We'd both spend little, but
you'd find smart, cost effective ways to do things
whereas I would just not eat.
But I brought that over-priced, under-satisfying "meal"
to our room and set it down on the coffee table
beside the grapes we'd bought at the grocery store,
like a proud hunter dropping a carcass in front of his tribe,
and the smile on your face made me feel like Boyfriend of the Year.

Tropical storm and general penny pinching
stole possibilities.
Set me on edge, and you on guard.

I ruined our tropical vacation with a cold shoulder.
If I had opened my mouth,
the one that likes to talk so much about maturity and problem solving
on a broad social scale,
we'd have been sad, then happy, then healed,
and so much stronger for it.
I took your patience for granted.

Then, hungry and tired, worn down,
I just wanted to go back to the hotel and rest.
I don't think you quite understood my weariness,
but why I didn't man up, and made you leave the place
you were so excited to be
that we spent outrageous amounts just to get there,
I have no idea.
I guess because I am smaller than I thought.

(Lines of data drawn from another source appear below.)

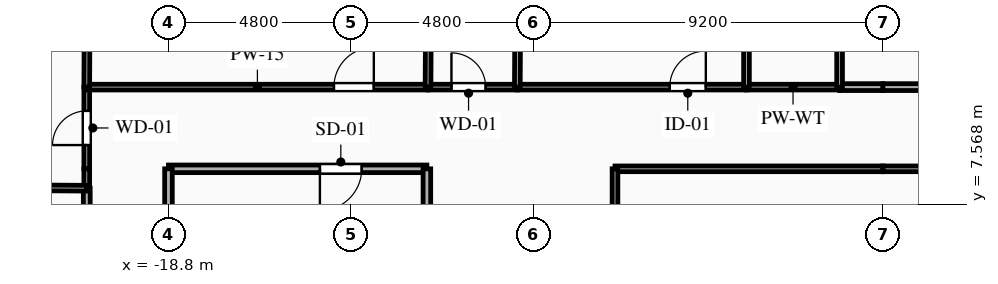
"""IFC4 building model, lengths in metres.
Left out: names, types, materials, properties, quantities, classifications, styles, units other than length and angle.
Written with IfcOpenShell. Run it as: python <this file> out.ifc"""

import sys

from ifc_helpers import new_model, si_unit, direction, frame, frame_2d, origin, place, context, subcontext, project, spatial, rectangle, extrude, element, fill, save


model = new_model("IFC4")
c1 = context("Model", 3, precision=1e-05, world=origin(), true_north=direction((0.0, 1.0)))
c2 = subcontext(c1, "Body", "Model", "MODEL_VIEW")
j1 = project(units=[si_unit("LENGTHUNIT", "METRE"), si_unit("PLANEANGLEUNIT", "RADIAN")], contexts=[c1])
p1 = place(None, origin())
s1 = spatial("IfcSite", under=j1, at=p1, CompositionType="ELEMENT")
p2 = place(p1, origin())
s2 = spatial("IfcBuilding", under=s1, at=p2, CompositionType="ELEMENT")
p3 = place(p2, frame((0.0, 0.0, 206.45)))
s3 = spatial("IfcBuildingStorey", under=s2, at=p3, CompositionType="ELEMENT", Elevation=206.45)
p4 = place(p3, frame((-12.0, 8.5, 0.0), z_axis=(0.0, 0.0, 1.0), x_axis=(-1.0, 0.0, 0.0)))
e1 = element("IfcWall", 1, at=p4, inside=s3, PredefinedType="PARTITIONING", context=c2, shape_type="SweptSolid", body=[
    extrude(rectangle(XDim=6.8, YDim=0.2, at=frame_2d((3.4, 0.0))), origin(), (0.0, 0.0, 1.0), 3.04),
])
p5 = place(p4, frame((1.715, 0.0, 0.0)))
e2 = element("IfcOpeningElement", 2, at=p5, cuts=e1, PredefinedType="OPENING", context=c2, shape_type="SweptSolid", body=[
    extrude(rectangle(XDim=1.1, YDim=2.15, at=frame_2d((0.55, 1.075))), frame((0.0, 0.11, 0.0), z_axis=(0.0, -1.0, 0.0), x_axis=(1.0, 0.0, 0.0)), (0.0, 0.0, 1.0), 0.22),
])
p6 = place(p3, frame((-18.8, 8.5, 0.0), z_axis=(0.0, 0.0, 1.0), x_axis=(0.0, -1.0, 0.0)))
e3 = element("IfcWall", 3, at=p6, inside=s3, PredefinedType="PARTITIONING", context=c2, shape_type="SweptSolid", body=[
    extrude(rectangle(XDim=2.9, YDim=0.2, at=frame_2d((1.45, 0.0))), origin(), (0.0, 0.0, 1.0), 2.665),
])
p7 = place(p3, frame((-12.0, 5.6, 0.0), z_axis=(0.0, 0.0, 1.0), x_axis=(0.0, 1.0, 0.0)))
e4 = element("IfcWall", 4, at=p7, inside=s3, PredefinedType="PARTITIONING", context=c2, shape_type="SweptSolid", body=[
    extrude(rectangle(XDim=2.9, YDim=0.2, at=frame_2d((1.45, 0.0))), origin(), (0.0, 0.0, 1.0), 3.04),
])
p8 = place(p3, frame((-20.95, 8.5, 0.0), z_axis=(0.0, 0.0, 1.0), x_axis=(0.0, 1.0, 0.0)))
e5 = element("IfcWall", 5, at=p8, inside=s3, PredefinedType="PARTITIONING", context=c2, shape_type="SweptSolid", body=[
    extrude(rectangle(XDim=2.15, YDim=0.15, at=frame_2d((1.075, 0.0))), origin(), (0.0, 0.0, 1.0), 3.04),
])
p9 = place(p8, frame((0.625, 0.0, 0.0)))
e6 = element("IfcOpeningElement", 6, at=p9, cuts=e5, PredefinedType="OPENING", context=c2, shape_type="SweptSolid", body=[
    extrude(rectangle(XDim=0.9, YDim=2.1, at=frame_2d((0.45, 1.05))), frame((0.0, 0.085, 0.0), z_axis=(0.0, -1.0, 0.0), x_axis=(1.0, 0.0, 0.0)), (0.0, 0.0, 1.0), 0.17),
])
p10 = place(p3, frame((-20.95, 10.65, 0.0), z_axis=(0.0, 0.0, 1.0), x_axis=(1.0, 0.0, 0.0)))
e7 = element("IfcWall", 7, at=p10, inside=s3, PredefinedType="PARTITIONING", context=c2, shape_type="SweptSolid", body=[
    extrude(rectangle(XDim=8.98, YDim=0.15, at=frame_2d((4.49, 0.0))), origin(), (0.0, 0.0, 1.0), 3.04),
])
p11 = place(p10, frame((6.504, 0.0, 0.0)))
e8 = element("IfcOpeningElement", 8, at=p11, cuts=e7, PredefinedType="OPENING", context=c2, shape_type="SweptSolid", body=[
    extrude(rectangle(XDim=1.05, YDim=2.15, at=frame_2d((0.525, 1.075))), frame((0.0, 0.085, 0.0), z_axis=(0.0, -1.0, 0.0), x_axis=(1.0, 0.0, 0.0)), (0.0, 0.0, 1.0), 0.17),
])
p12 = place(p3, frame((-11.97, 10.65, 0.0), z_axis=(0.0, 0.0, 1.0), x_axis=(1.0, 0.0, 0.0)))
e9 = element("IfcWall", 9, at=p12, inside=s3, PredefinedType="PLUMBINGWALL", context=c2, shape_type="SweptSolid", body=[
    extrude(rectangle(XDim=2.35, YDim=0.15, at=frame_2d((1.175, 0.0))), origin(), (0.0, 0.0, 1.0), 3.04),
])
p13 = place(p12, frame((0.616, 0.0, 0.0)))
e10 = element("IfcOpeningElement", 10, at=p13, cuts=e9, PredefinedType="OPENING", context=c2, shape_type="SweptSolid", body=[
    extrude(rectangle(XDim=0.9, YDim=2.1, at=frame_2d((0.45, 1.05))), frame((0.0, 0.085, 0.0), z_axis=(0.0, -1.0, 0.0), x_axis=(1.0, 0.0, 0.0)), (0.0, 0.0, 1.0), 0.17),
])
p14 = place(p3, frame((-9.62, 10.65, 0.0), z_axis=(0.0, 0.0, 1.0), x_axis=(1.0, 0.0, 0.0)))
e11 = element("IfcWall", 11, at=p14, inside=s3, PredefinedType="PARTITIONING", context=c2, shape_type="SweptSolid", body=[
    extrude(rectangle(XDim=6.03, YDim=0.15, at=frame_2d((3.015, 0.0))), origin(), (0.0, 0.0, 1.0), 3.04),
])
p15 = place(p14, frame((4.01, 0.0, 0.0)))
e12 = element("IfcOpeningElement", 12, at=p15, cuts=e11, PredefinedType="OPENING", context=c2, shape_type="SweptSolid", body=[
    extrude(rectangle(XDim=0.95, YDim=2.1, at=frame_2d((0.475, 1.05))), frame((0.0, 0.085, 0.0), z_axis=(0.0, -1.0, 0.0), x_axis=(1.0, 0.0, 0.0)), (0.0, 0.0, 1.0), 0.17),
])
p16 = place(p3, frame((-1.14, 10.65, 0.0), z_axis=(0.0, 0.0, 1.0), x_axis=(1.0, 0.0, 0.0)))
e13 = element("IfcWall", 13, at=p16, inside=s3, PredefinedType="PARTITIONING", context=c2, shape_type="SweptSolid", body=[
    extrude(rectangle(XDim=1.14, YDim=0.18, at=frame_2d((0.57, 0.0))), origin(), (0.0, 0.0, 1.0), 3.04),
])
p17 = place(p3, frame((-3.59, 10.65, 0.0), z_axis=(0.0, 0.0, 1.0), x_axis=(1.0, 0.0, 0.0)))
e14 = element("IfcWall", 14, at=p17, inside=s3, PredefinedType="PLUMBINGWALL", context=c2, shape_type="SweptSolid", body=[
    extrude(rectangle(XDim=2.45, YDim=0.15, at=frame_2d((1.225, 0.0))), origin(), (0.0, 0.0, 1.0), 3.04),
])
p18 = place(p3, frame((0.0, 8.5, 0.0), z_axis=(0.0, 0.0, 1.0), x_axis=(-1.0, 0.0, 0.0)))
e15 = element("IfcWall", 15, at=p18, inside=s3, PredefinedType="PARTITIONING", context=c2, shape_type="SweptSolid", body=[
    extrude(rectangle(XDim=7.05, YDim=0.15, at=frame_2d((3.525, 0.0))), origin(), (0.0, 0.0, 1.0), 3.04),
])
p19 = place(p3, frame((0.0, 10.65, 0.0), z_axis=(0.0, 0.0, 1.0), x_axis=(1.0, 0.0, 0.0)))
e16 = element("IfcWall", 16, at=p19, inside=s3, PredefinedType="PARTITIONING", context=c2, shape_type="SweptSolid", body=[
    extrude(rectangle(XDim=4.79, YDim=0.18, at=frame_2d((2.395, 0.0))), origin(), (0.0, 0.0, 1.0), 3.04),
])
p20 = place(p19, frame((2.224, 0.0, 0.0)))
e17 = element("IfcOpeningElement", 17, at=p20, cuts=e16, PredefinedType="OPENING", context=c2, shape_type="SweptSolid", body=[
    extrude(rectangle(XDim=1.0, YDim=2.15, at=frame_2d((0.5, 1.075))), frame((0.0, 0.1, 0.0), z_axis=(0.0, -1.0, 0.0), x_axis=(1.0, 0.0, 0.0)), (0.0, 0.0, 1.0), 0.2),
])
p21 = place(p3, frame((7.05, 8.5, 0.0), z_axis=(0.0, 0.0, 1.0), x_axis=(-1.0, 0.0, 0.0)))
e18 = element("IfcWall", 18, at=p21, inside=s3, PredefinedType="PARTITIONING", context=c2, shape_type="SweptSolid", body=[
    extrude(rectangle(XDim=7.05, YDim=0.15, at=frame_2d((3.525, 0.0))), origin(), (0.0, 0.0, 1.0), 3.04),
])
p22 = place(p3, frame((-20.95, -1.306, 0.0), z_axis=(0.0, 0.0, 1.0), x_axis=(0.0, 1.0, 0.0)))
e19 = element("IfcWall", 19, at=p22, inside=s3, PredefinedType="PARTITIONING", context=c2, shape_type="SweptSolid", body=[
    extrude(rectangle(XDim=9.296, YDim=0.18, at=frame_2d((4.648, 0.0))), origin(), (0.0, 0.0, 1.0), 3.04),
])
p23 = place(p22, frame((1.472, 0.0, 0.0)))
e20 = element("IfcOpeningElement", 20, at=p23, cuts=e19, PredefinedType="OPENING", context=c2, shape_type="SweptSolid", body=[
    extrude(rectangle(XDim=1.0, YDim=2.15, at=frame_2d((0.5, 1.075))), frame((0.0, 0.1, 0.0), z_axis=(0.0, -1.0, 0.0), x_axis=(1.0, 0.0, 0.0)), (0.0, 0.0, 1.0), 0.2),
])
p24 = place(p3, frame((-20.95, 7.99, 0.0), z_axis=(0.0, 0.0, 1.0), x_axis=(0.0, 1.0, 0.0)))
e21 = element("IfcWall", 21, at=p24, inside=s3, PredefinedType="PARTITIONING", context=c2, shape_type="SweptSolid", body=[
    extrude(rectangle(XDim=0.51, YDim=0.15, at=frame_2d((0.255, 0.0))), origin(), (0.0, 0.0, 1.0), 3.04),
])
p25 = place(p3, frame((-7.05, 8.5, 0.0), z_axis=(0.0, 0.0, 1.0), x_axis=(0.0, -1.0, 0.0)))
e22 = element("IfcWall", 22, at=p25, inside=s3, PredefinedType="PARTITIONING", context=c2, shape_type="SweptSolid", body=[
    extrude(rectangle(XDim=9.3, YDim=0.15, at=frame_2d((4.65, 0.0))), origin(), (0.0, 0.0, 1.0), 3.04),
])
p26 = place(p3, frame((-27.419, 8.034, 0.0), z_axis=(0.0, 0.0, 1.0), x_axis=(0.999976928608, -0.006792808784, 0.0)))
e23 = element("IfcWall", 23, at=p26, inside=s3, PredefinedType="PARTITIONING", context=c2, shape_type="SweptSolid", body=[
    extrude(rectangle(XDim=6.469, YDim=0.15, at=frame_2d((3.235, 0.0))), origin(), (0.0, 0.0, 1.0), 3.04),
])
p27 = place(p3, frame((-20.906, 19.662, 0.0), z_axis=(0.0, 0.0, 1.0), x_axis=(-0.004876272857, -0.999988110911, 0.0)))
e24 = element("IfcWall", 24, at=p27, inside=s3, PredefinedType="PARTITIONING", context=c2, shape_type="SweptSolid", body=[
    extrude(rectangle(XDim=9.012, YDim=0.15, at=frame_2d((4.506, 0.0))), origin(), (0.0, 0.0, 1.0), 2.665),
])
p28 = place(p3, frame((-11.926, 18.718, 0.0), z_axis=(0.0, 0.0, 1.0), x_axis=(-0.005446707114, -0.999985166581, 0.0)))
e25 = element("IfcWall", 25, at=p28, inside=s3, PredefinedType="PLUMBINGWALL", context=c2, shape_type="SweptSolid", body=[
    extrude(rectangle(XDim=8.068, YDim=0.15, at=frame_2d((4.034, 0.0))), origin(), (0.0, 0.0, 1.0), 3.04),
])
p29 = place(p3, frame((-9.576, 18.471, 0.0), z_axis=(0.0, 0.0, 1.0), x_axis=(-0.005618590299, -0.999984215597, 0.0)))
e26 = element("IfcWall", 26, at=p29, inside=s3, PredefinedType="PLUMBINGWALL", context=c2, shape_type="SweptSolid", body=[
    extrude(rectangle(XDim=7.822, YDim=0.15, at=frame_2d((3.911, 0.0))), origin(), (0.0, 0.0, 1.0), 3.04),
])
for number, where, z_axis, x_axis in (
    (27, (-3.59, 12.8, 0.0), (0.0, 0.0, 1.0), (0.0, -1.0, 0.0)),
    (28, (-1.14, 10.65, 0.0), (0.0, 0.0, 1.0), (0.0, 1.0, 0.0)),
):
    element("IfcWall", number, at=place(p3, frame(where, z_axis=z_axis, x_axis=x_axis)), inside=s3, PredefinedType="PLUMBINGWALL", context=c2, shape_type="SweptSolid", body=[
        extrude(rectangle(XDim=2.15, YDim=0.15, at=frame_2d((1.075, 0.0))), origin(), (0.0, 0.0, 1.0), 3.04),
    ])
p30 = place(p5, origin())
e29 = element("IfcDoor", 29, at=p30, inside=s3, OperationType="SINGLE_SWING_RIGHT", PredefinedType="DOOR", context=c2, shape_type="SweptSolid", body=[
    extrude(rectangle(XDim=1.1, YDim=2.15, at=frame_2d((0.55, 1.075))), frame((0.0, 0.025, 0.0), z_axis=(0.0, -1.0, 0.0), x_axis=(1.0, 0.0, 0.0)), (0.0, 0.0, 1.0), 0.05),
])
fill(e2, e29)
p31 = place(p9, origin())
e30 = element("IfcDoor", 30, at=p31, inside=s3, OperationType="SINGLE_SWING_LEFT", PredefinedType="DOOR", context=c2, shape_type="SweptSolid", body=[
    extrude(rectangle(XDim=0.9, YDim=2.1, at=frame_2d((0.45, 1.05))), frame((0.0, 0.025, 0.0), z_axis=(0.0, -1.0, 0.0), x_axis=(1.0, 0.0, 0.0)), (0.0, 0.0, 1.0), 0.05),
])
fill(e6, e30)
p32 = place(p11, origin())
e31 = element("IfcDoor", 31, at=p32, inside=s3, OperationType="SINGLE_SWING_RIGHT", PredefinedType="DOOR", context=c2, shape_type="SweptSolid", body=[
    extrude(rectangle(XDim=1.05, YDim=2.15, at=frame_2d((0.525, 1.075))), frame((0.0, 0.025, 0.0), z_axis=(0.0, -1.0, 0.0), x_axis=(1.0, 0.0, 0.0)), (0.0, 0.0, 1.0), 0.05),
])
fill(e8, e31)
p33 = place(p13, origin())
e32 = element("IfcDoor", 32, at=p33, inside=s3, OperationType="SINGLE_SWING_LEFT", PredefinedType="DOOR", context=c2, shape_type="SweptSolid", body=[
    extrude(rectangle(XDim=0.9, YDim=2.1, at=frame_2d((0.45, 1.05))), frame((0.0, 0.025, 0.0), z_axis=(0.0, -1.0, 0.0), x_axis=(1.0, 0.0, 0.0)), (0.0, 0.0, 1.0), 0.05),
])
fill(e10, e32)
p34 = place(p15, origin())
e33 = element("IfcDoor", 33, at=p34, inside=s3, OperationType="SINGLE_SWING_RIGHT", PredefinedType="DOOR", context=c2, shape_type="SweptSolid", body=[
    extrude(rectangle(XDim=0.95, YDim=2.1, at=frame_2d((0.475, 1.05))), frame((0.0, 0.025, 0.0), z_axis=(0.0, -1.0, 0.0), x_axis=(1.0, 0.0, 0.0)), (0.0, 0.0, 1.0), 0.05),
])
fill(e12, e33)
save(model, sys.argv[1])

Because a heart functions like a cemetery gate
saying "don't tread here" where the memories
are grave markers,
there is so much in this world I don't want to see;
it only reminds me of you.

I don't care if I'm supposed to be over it by now.
I know it makes living very hard.
I'm trying, and that's all I can do.
I challenge someone else to get over someone like you,
or something like us,
so soon.

We did talk,
and it did get better,
and we did make the best of that trip,
there was a lot of snuggling,
a lot of laughing,
and a lot of joy;
but I never shook the feeling
that I took something beautiful and made it suck.

Now, when I look at those pictures
treasuring each one like a breath,
I see only the laughter.
I guess that's how I'm supposed to remember it.